In the second study, the team worked with 150 people, trying to find the causal link between parenting styles and policy preferences. During the experiment, the team manipulated the content in a newspaper to either slant for, against, or stay neutral on certain topics. However, the team could not find a definitive link.

Finally, researchers gathered 1,650 people, with 60 percent being parents. The results of this test confirmed their results from the first experiment. Moreover, the paternalistic approach expanded beyond government policy and also reflected their beliefs regarding medicine, education, business, peer-relationships, religion, athletics, and caregiving.

How does parenting impact politics?

“By knowing people’s preferences for helicopter parenting, we can predict people’s views on autonomy vs. coercion in business, religion, sports, peer-relationships, medicine, politics,” Oppenheimer says. “We can even predict how middle-aged people will treat our aging parents in regards to autonomy, which has implications for geriatric health.”

The researchers say that previous studies have found helicopter parenting to be a detriment to a child’s development. Those reports argue that overprotective parents reduce their child’s levels of autonomy, student engagement, and satisfaction with life. Regardless of those findings, the team says this parenting style is actually becoming more and more popular with parents.

“I don’t want to become alarmist, because we really don’t know whether the effects on children would be the same as the effects on citizens,” Oppenheimer concludes. “But if being helicoptered has similar effects on adults as kids, we would expect to see heightened mental health problems and lower self-efficacy across society at large.”
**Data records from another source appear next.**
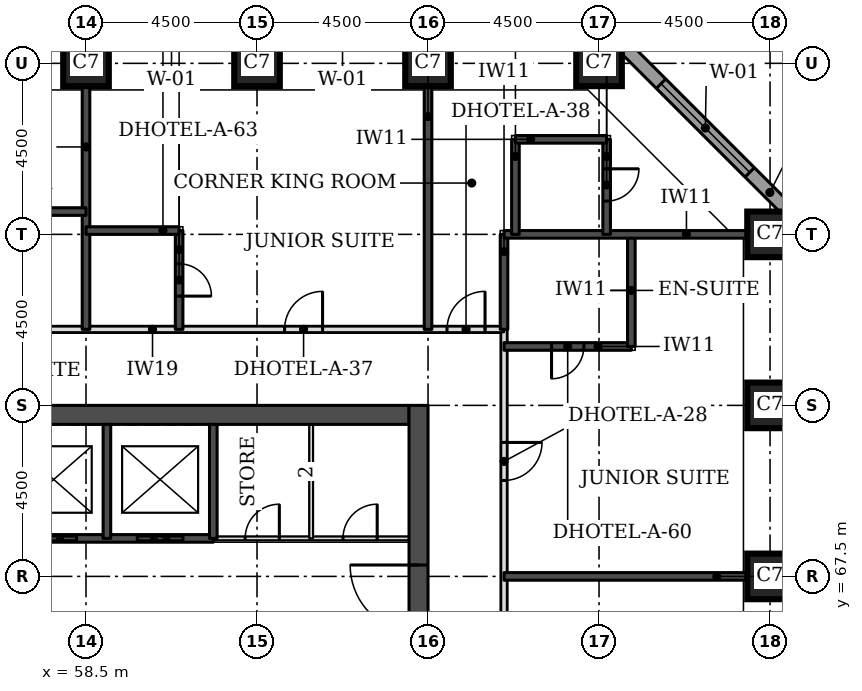
"""IFC4 building model, lengths in metres.
Left out: names, types, materials, properties, quantities, classifications, styles, units other than length and angle.
Written with IfcOpenShell. Run it as: python <this file> out.ifc"""

import sys

from ifc_helpers import new_model, si_unit, direction, frame, frame_2d, origin, origin_2d, place, context, subcontext, project, spatial, rectangle, extrude, element, fill, save


model = new_model("IFC4")
c1 = context("Model", 3, precision=1e-05, world=origin(), true_north=direction((0.0, 1.0)))
c2 = subcontext(c1, "Body", "Model", "MODEL_VIEW")
j1 = project(units=[si_unit("LENGTHUNIT", "METRE"), si_unit("PLANEANGLEUNIT", "RADIAN")], contexts=[c1])
p1 = place(None, origin())
s1 = spatial("IfcSite", under=j1, at=p1, CompositionType="ELEMENT")
p2 = place(p1, origin())
s2 = spatial("IfcBuilding", under=s1, at=p2, CompositionType="ELEMENT")
p3 = place(p2, frame((0.0, 0.0, 49.5)))
s3 = spatial("IfcBuildingStorey", under=s2, at=p3, CompositionType="ELEMENT", Elevation=49.5)
for number, where, z_axis, x_axis in (
    (1, (76.5, 67.5, 0.0), (0.0, 0.0, 1.0), (1.0, 0.0, 0.0)),
    (2, (76.5, 72.0, 0.0), (0.0, 0.0, 1.0), (1.0, 0.0, 0.0)),
    (3, (76.5, 76.5, 0.0), (0.0, 0.0, 1.0), (1.0, 0.0, 0.0)),
    (4, (58.5, 81.0, 0.0), (0.0, 0.0, 1.0), (1.0, 0.0, 0.0)),
    (5, (63.0, 81.0, 0.0), (0.0, 0.0, 1.0), (1.0, 0.0, 0.0)),
    (6, (67.5, 81.0, 0.0), (0.0, 0.0, 1.0), (1.0, 0.0, 0.0)),
    (7, (72.0, 81.0, 0.0), (0.0, 0.0, 1.0), (1.0, 0.0, 0.0)),
):
    element("IfcColumn", number, at=place(p3, frame(where, z_axis=z_axis, x_axis=x_axis)), inside=s3, PredefinedType="COLUMN", context=c2, shape_type="SweptSolid", body=[
        extrude(rectangle(XDim=1.2, YDim=1.2, at=origin_2d()), origin(), (0.0, 0.0, 1.0), 3.3),
    ])
p4 = place(p3, frame((45.5, 71.75, 0.0), z_axis=(0.0, 0.0, 1.0), x_axis=(1.0, 0.0, 0.0)))
e8 = element("IfcWall", 8, at=p4, inside=s3, PredefinedType="SHEAR", context=c2, shape_type="SweptSolid", body=[
    extrude(rectangle(XDim=21.5, YDim=0.5, at=frame_2d((10.75, 0.0))), origin(), (0.0, 0.0, 1.0), 3.3),
])
p5 = place(p3, frame((67.25, 49.5, 0.0), z_axis=(0.0, 0.0, 1.0), x_axis=(0.0, 1.0, 0.0)))
e9 = element("IfcWall", 9, at=p5, inside=s3, PredefinedType="SHEAR", context=c2, shape_type="SweptSolid", body=[
    extrude(rectangle(XDim=22.5, YDim=0.5, at=frame_2d((11.25, 0.0))), origin(), (0.0, 0.0, 1.0), 3.3),
])
p6 = place(p5, frame((4.2, 0.0, 0.0)))
e10 = element("IfcOpeningElement", 10, at=p6, cuts=e9, PredefinedType="OPENING", context=c2, shape_type="SweptSolid", body=[
    extrude(rectangle(XDim=1.8, YDim=2.1, at=frame_2d((0.9, 1.05))), frame((0.0, 0.26, 0.0), z_axis=(0.0, -1.0, 0.0), x_axis=(1.0, 0.0, 0.0)), (0.0, 0.0, 1.0), 0.52),
])
p7 = place(p5, frame((6.9, 0.0, 0.0)))
e11 = element("IfcOpeningElement", 11, at=p7, cuts=e9, PredefinedType="OPENING", context=c2, shape_type="SweptSolid", body=[
    extrude(rectangle(XDim=1.1, YDim=2.1, at=frame_2d((0.55, 1.05))), frame((0.0, 0.26, 0.0), z_axis=(0.0, -1.0, 0.0), x_axis=(1.0, 0.0, 0.0)), (0.0, 0.0, 1.0), 0.52),
])
p8 = place(p5, frame((13.6, 0.0, 0.0)))
e12 = element("IfcOpeningElement", 12, at=p8, cuts=e9, PredefinedType="OPENING", context=c2, shape_type="SweptSolid", body=[
    extrude(rectangle(XDim=1.1, YDim=2.1, at=frame_2d((0.55, 1.05))), frame((0.0, 0.26, 0.0), z_axis=(0.0, -1.0, 0.0), x_axis=(1.0, 0.0, 0.0)), (0.0, 0.0, 1.0), 0.52),
])
p9 = place(p5, frame((16.5, 0.0, 0.0)))
e13 = element("IfcOpeningElement", 13, at=p9, cuts=e9, PredefinedType="OPENING", context=c2, shape_type="SweptSolid", body=[
    extrude(rectangle(XDim=1.8, YDim=2.1, at=frame_2d((0.9, 1.05))), frame((0.0, 0.26, 0.0), z_axis=(0.0, -1.0, 0.0), x_axis=(1.0, 0.0, 0.0)), (0.0, 0.0, 1.0), 0.52),
])
p10 = place(p3, frame((77.326, 76.77, 0.0), z_axis=(0.0, 0.0, 1.0), x_axis=(-0.707106781187, 0.707106781187, 0.0)))
e14 = element("IfcWall", 14, at=p10, inside=s3, PredefinedType="STANDARD", context=c2, shape_type="SweptSolid", body=[
    extrude(rectangle(XDim=7.151, YDim=0.35, at=frame_2d((3.576, 0.0))), origin(), (0.0, 0.0, 1.0), 3.055),
])
p11 = place(p10, frame((1.926, 0.0, 0.8)))
e15 = element("IfcOpeningElement", 15, at=p11, cuts=e14, PredefinedType="OPENING", context=c2, shape_type="SweptSolid", body=[
    extrude(rectangle(XDim=3.3, YDim=1.5, at=frame_2d((1.65, 0.75))), frame((0.0, 0.185, 0.0), z_axis=(0.0, -1.0, 0.0), x_axis=(1.0, 0.0, 0.0)), (0.0, 0.0, 1.0), 0.37),
])
p12 = place(p3, frame((69.5, 47.5, 0.0), z_axis=(0.0, 0.0, 1.0), x_axis=(0.0, 1.0, 0.0)))
e16 = element("IfcWall", 16, at=p12, inside=s3, PredefinedType="PARTITIONING", context=c2, shape_type="SweptSolid", body=[
    extrude(rectangle(XDim=26.5, YDim=0.15, at=frame_2d((13.25, 0.0))), origin(), (0.0, 0.0, 1.0), 3.08),
])
p13 = place(p12, frame((22.525, 0.0, 0.0)))
e17 = element("IfcOpeningElement", 17, at=p13, cuts=e16, PredefinedType="OPENING", context=c2, shape_type="SweptSolid", body=[
    extrude(rectangle(XDim=1.0, YDim=2.1, at=frame_2d((0.5, 1.05))), frame((0.0, 0.085, 0.0), z_axis=(0.0, -1.0, 0.0), x_axis=(1.0, 0.0, 0.0)), (0.0, 0.0, 1.0), 0.17),
])
p14 = place(p12, frame((16.225, 0.0, 0.0)))
e18 = element("IfcOpeningElement", 18, at=p14, cuts=e16, PredefinedType="OPENING", context=c2, shape_type="SweptSolid", body=[
    extrude(rectangle(XDim=1.0, YDim=2.1, at=frame_2d((0.5, 1.05))), frame((0.0, 0.085, 0.0), z_axis=(0.0, -1.0, 0.0), x_axis=(1.0, 0.0, 0.0)), (0.0, 0.0, 1.0), 0.17),
])
p15 = place(p12, frame((4.25, 0.0, 0.0)))
e19 = element("IfcOpeningElement", 19, at=p15, cuts=e16, PredefinedType="OPENING", context=c2, shape_type="SweptSolid", body=[
    extrude(rectangle(XDim=1.1, YDim=2.1, at=frame_2d((0.55, 1.05))), frame((0.0, 0.085, 0.0), z_axis=(0.0, -1.0, 0.0), x_axis=(1.0, 0.0, 0.0)), (0.0, 0.0, 1.0), 0.17),
])
p16 = place(p12, frame((0.447, 0.0, 0.0)))
e20 = element("IfcOpeningElement", 20, at=p16, cuts=e16, PredefinedType="OPENING", context=c2, shape_type="SweptSolid", body=[
    extrude(rectangle(XDim=1.0, YDim=2.1, at=frame_2d((0.5, 1.05))), frame((0.0, 0.085, 0.0), z_axis=(0.0, -1.0, 0.0), x_axis=(1.0, 0.0, 0.0)), (0.0, 0.0, 1.0), 0.17),
])
p17 = place(p3, frame((43.0, 74.0, 0.0), z_axis=(0.0, 0.0, 1.0), x_axis=(1.0, 0.0, 0.0)))
e21 = element("IfcWall", 21, at=p17, inside=s3, PredefinedType="PARTITIONING", context=c2, shape_type="SweptSolid", body=[
    extrude(rectangle(XDim=26.5, YDim=0.15, at=frame_2d((13.25, 0.0))), origin(), (0.0, 0.0, 1.0), 3.08),
])
p18 = place(p17, frame((4.675, 0.0, 0.0)))
e22 = element("IfcOpeningElement", 22, at=p18, cuts=e21, PredefinedType="OPENING", context=c2, shape_type="SweptSolid", body=[
    extrude(rectangle(XDim=1.0, YDim=2.1, at=frame_2d((0.5, 1.05))), frame((0.0, 0.085, 0.0), z_axis=(0.0, -1.0, 0.0), x_axis=(1.0, 0.0, 0.0)), (0.0, 0.0, 1.0), 0.17),
])
p19 = place(p17, frame((9.025, 0.0, 0.0)))
e23 = element("IfcOpeningElement", 23, at=p19, cuts=e21, PredefinedType="OPENING", context=c2, shape_type="SweptSolid", body=[
    extrude(rectangle(XDim=1.0, YDim=2.1, at=frame_2d((0.5, 1.05))), frame((0.0, 0.085, 0.0), z_axis=(0.0, -1.0, 0.0), x_axis=(1.0, 0.0, 0.0)), (0.0, 0.0, 1.0), 0.17),
])
p20 = place(p17, frame((20.725, 0.0, 0.0)))
e24 = element("IfcOpeningElement", 24, at=p20, cuts=e21, PredefinedType="OPENING", context=c2, shape_type="SweptSolid", body=[
    extrude(rectangle(XDim=1.0, YDim=2.1, at=frame_2d((0.5, 1.05))), frame((0.0, 0.085, 0.0), z_axis=(0.0, -1.0, 0.0), x_axis=(1.0, 0.0, 0.0)), (0.0, 0.0, 1.0), 0.17),
])
p21 = place(p17, frame((0.5, 0.0, 0.0)))
e25 = element("IfcOpeningElement", 25, at=p21, cuts=e21, PredefinedType="OPENING", context=c2, shape_type="SweptSolid", body=[
    extrude(rectangle(XDim=1.0, YDim=2.1, at=frame_2d((0.5, 1.05))), frame((0.0, 0.085, 0.0), z_axis=(0.0, -1.0, 0.0), x_axis=(1.0, 0.0, 0.0)), (0.0, 0.0, 1.0), 0.17),
])
p22 = place(p17, frame((25.0, 0.0, 0.0)))
e26 = element("IfcOpeningElement", 26, at=p22, cuts=e21, PredefinedType="OPENING", context=c2, shape_type="SweptSolid", body=[
    extrude(rectangle(XDim=1.0, YDim=2.1, at=frame_2d((0.5, 1.05))), frame((0.0, 0.085, 0.0), z_axis=(0.0, -1.0, 0.0), x_axis=(1.0, 0.0, 0.0)), (0.0, 0.0, 1.0), 0.17),
])
p23 = place(p3, frame((69.5, 67.5, 0.0), z_axis=(0.0, 0.0, 1.0), x_axis=(1.0, 0.0, 0.0)))
e27 = element("IfcWall", 27, at=p23, inside=s3, PredefinedType="SOLIDWALL", context=c2, shape_type="SweptSolid", body=[
    extrude(rectangle(XDim=6.4, YDim=0.2, at=frame_2d((3.2, 0.0))), origin(), (0.0, 0.0, 1.0), 3.08),
])
p24 = place(p3, frame((69.5, 73.55, 0.0), z_axis=(0.0, 0.0, 1.0), x_axis=(1.0, 0.0, 0.0)))
e28 = element("IfcWall", 28, at=p24, inside=s3, PredefinedType="SOLIDWALL", context=c2, shape_type="SweptSolid", body=[
    extrude(rectangle(XDim=3.35, YDim=0.2, at=frame_2d((1.675, 0.0))), origin(), (0.0, 0.0, 1.0), 3.08),
])
p25 = place(p24, frame((1.25, 0.0, 0.0)))
e29 = element("IfcOpeningElement", 29, at=p25, cuts=e28, PredefinedType="OPENING", context=c2, shape_type="SweptSolid", body=[
    extrude(rectangle(XDim=0.85, YDim=2.1, at=frame_2d((0.425, 1.05))), frame((0.0, 0.11, 0.0), z_axis=(0.0, -1.0, 0.0), x_axis=(1.0, 0.0, 0.0)), (0.0, 0.0, 1.0), 0.22),
])
p26 = place(p3, frame((72.85, 73.55, 0.0), z_axis=(0.0, 0.0, 1.0), x_axis=(0.0, 1.0, 0.0)))
e30 = element("IfcWall", 30, at=p26, inside=s3, PredefinedType="SOLIDWALL", context=c2, shape_type="SweptSolid", body=[
    extrude(rectangle(XDim=2.95, YDim=0.2, at=frame_2d((1.475, 0.0))), origin(), (0.0, 0.0, 1.0), 3.08),
])
p27 = place(p3, frame((58.5, 74.0, 0.0), z_axis=(0.0, 0.0, 1.0), x_axis=(0.0, 1.0, 0.0)))
e31 = element("IfcWall", 31, at=p27, inside=s3, PredefinedType="SOLIDWALL", context=c2, shape_type="SweptSolid", body=[
    extrude(rectangle(XDim=6.4, YDim=0.2, at=frame_2d((3.2, 0.0))), origin(), (0.0, 0.0, 1.0), 3.08),
])
p28 = place(p3, frame((60.95, 74.0, 0.0), z_axis=(0.0, 0.0, 1.0), x_axis=(0.0, 1.0, 0.0)))
e32 = element("IfcWall", 32, at=p28, inside=s3, PredefinedType="SOLIDWALL", context=c2, shape_type="SweptSolid", body=[
    extrude(rectangle(XDim=2.6, YDim=0.2, at=frame_2d((1.3, 0.0))), origin(), (0.0, 0.0, 1.0), 3.08),
])
p29 = place(p28, frame((0.875, 0.0, 0.0)))
e33 = element("IfcOpeningElement", 33, at=p29, cuts=e32, PredefinedType="OPENING", context=c2, shape_type="SweptSolid", body=[
    extrude(rectangle(XDim=0.85, YDim=2.1, at=frame_2d((0.425, 1.05))), frame((0.0, 0.11, 0.0), z_axis=(0.0, -1.0, 0.0), x_axis=(1.0, 0.0, 0.0)), (0.0, 0.0, 1.0), 0.22),
])
p30 = place(p3, frame((67.5, 74.0, 0.0), z_axis=(0.0, 0.0, 1.0), x_axis=(0.0, 1.0, 0.0)))
e34 = element("IfcWall", 34, at=p30, inside=s3, PredefinedType="SOLIDWALL", context=c2, shape_type="SweptSolid", body=[
    extrude(rectangle(XDim=6.4, YDim=0.2, at=frame_2d((3.2, 0.0))), origin(), (0.0, 0.0, 1.0), 3.08),
])
p31 = place(p3, frame((69.5, 74.0, 0.0), z_axis=(0.0, 0.0, 1.0), x_axis=(0.0, 1.0, 0.0)))
e35 = element("IfcWall", 35, at=p31, inside=s3, PredefinedType="SOLIDWALL", context=c2, shape_type="SweptSolid", body=[
    extrude(rectangle(XDim=2.5, YDim=0.2, at=frame_2d((1.25, 0.0))), origin(), (0.0, 0.0, 1.0), 3.08),
])
p32 = place(p3, frame((69.5, 76.5, 0.0), z_axis=(0.0, 0.0, 1.0), x_axis=(1.0, 0.0, 0.0)))
e36 = element("IfcWall", 36, at=p32, inside=s3, PredefinedType="SOLIDWALL", context=c2, shape_type="SweptSolid", body=[
    extrude(rectangle(XDim=6.4, YDim=0.2, at=frame_2d((3.2, 0.0))), origin(), (0.0, 0.0, 1.0), 3.08),
])
p33 = place(p3, frame((69.8, 76.5, 0.0), z_axis=(0.0, 0.0, 1.0), x_axis=(0.0, 1.0, 0.0)))
e37 = element("IfcWall", 37, at=p33, inside=s3, PredefinedType="SOLIDWALL", context=c2, shape_type="SweptSolid", body=[
    extrude(rectangle(XDim=2.5, YDim=0.2, at=frame_2d((1.25, 0.0))), origin(), (0.0, 0.0, 1.0), 3.08),
])
p34 = place(p3, frame((72.2, 76.5, 0.0), z_axis=(0.0, 0.0, 1.0), x_axis=(0.0, 1.0, 0.0)))
e38 = element("IfcWall", 38, at=p34, inside=s3, PredefinedType="SOLIDWALL", context=c2, shape_type="SweptSolid", body=[
    extrude(rectangle(XDim=2.5, YDim=0.2, at=frame_2d((1.25, 0.0))), origin(), (0.0, 0.0, 1.0), 3.08),
])
p35 = place(p34, frame((0.875, 0.0, 0.0)))
e39 = element("IfcOpeningElement", 39, at=p35, cuts=e38, PredefinedType="OPENING", context=c2, shape_type="SweptSolid", body=[
    extrude(rectangle(XDim=0.85, YDim=2.1, at=frame_2d((0.425, 1.05))), frame((0.0, 0.11, 0.0), z_axis=(0.0, -1.0, 0.0), x_axis=(1.0, 0.0, 0.0)), (0.0, 0.0, 1.0), 0.22),
])
p36 = place(p3, frame((58.5, 76.6, 0.0), z_axis=(0.0, 0.0, 1.0), x_axis=(1.0, 0.0, 0.0)))
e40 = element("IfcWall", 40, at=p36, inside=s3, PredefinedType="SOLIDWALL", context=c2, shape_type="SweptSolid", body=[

The findings appear in the Journal of Experimental Psychology.

YouTube video

Lea la versión en español en EstudioRevela.com: El estilo de crianza puede determinar si los niños se convierten en conservadores o liberales.

Comments

  1. I suspect this study was manipulated or bias was used to interpret the results. For starters, there are more than just two kinds of parenting. Actually, most parents probably combine a number of them. You would be more likely to find that conservatives prefer common sense parenting where they are the primary influence on their children, passing along that common sense. That doesn’t necessarily mean they are helicopter parents. Liberals are more likely to prefer one of the two listed in the article. They seem to either let their kids roam free, learning from anyone, whether qualified to “teach” or not, or they are busy pushing liberal/leftist ideas on their kids. These two parenting types are most likely to indicate whether a child will grow up conservative or liberal. I’ve spent 73 years observing people and this is what my study shows.

    1. Dear Nell,

      From the original press release:

      “In this work, Oppenheimer and his colleague Christian Lindke focused on the concept of the ‘helicopter parent,’ which has been defined as ‘a parent who takes an overprotective or excessive interest in the life of their child or children.’ ‘Free-range parenting’ falls on the opposite extreme to this parenting style. ” https://www.cmu.edu/dietrich/news/news-stories/2022/june/oppenheimer-helicopter.html

      You wrote- “there are more than just two kinds of parenting.” That is correct. But only two opposite types of parenting are studied here. Research involves asking smaller, bite sized questions in order to better understand the big picture. No manipulations or bias needed. Please read more thoughtfully in the future.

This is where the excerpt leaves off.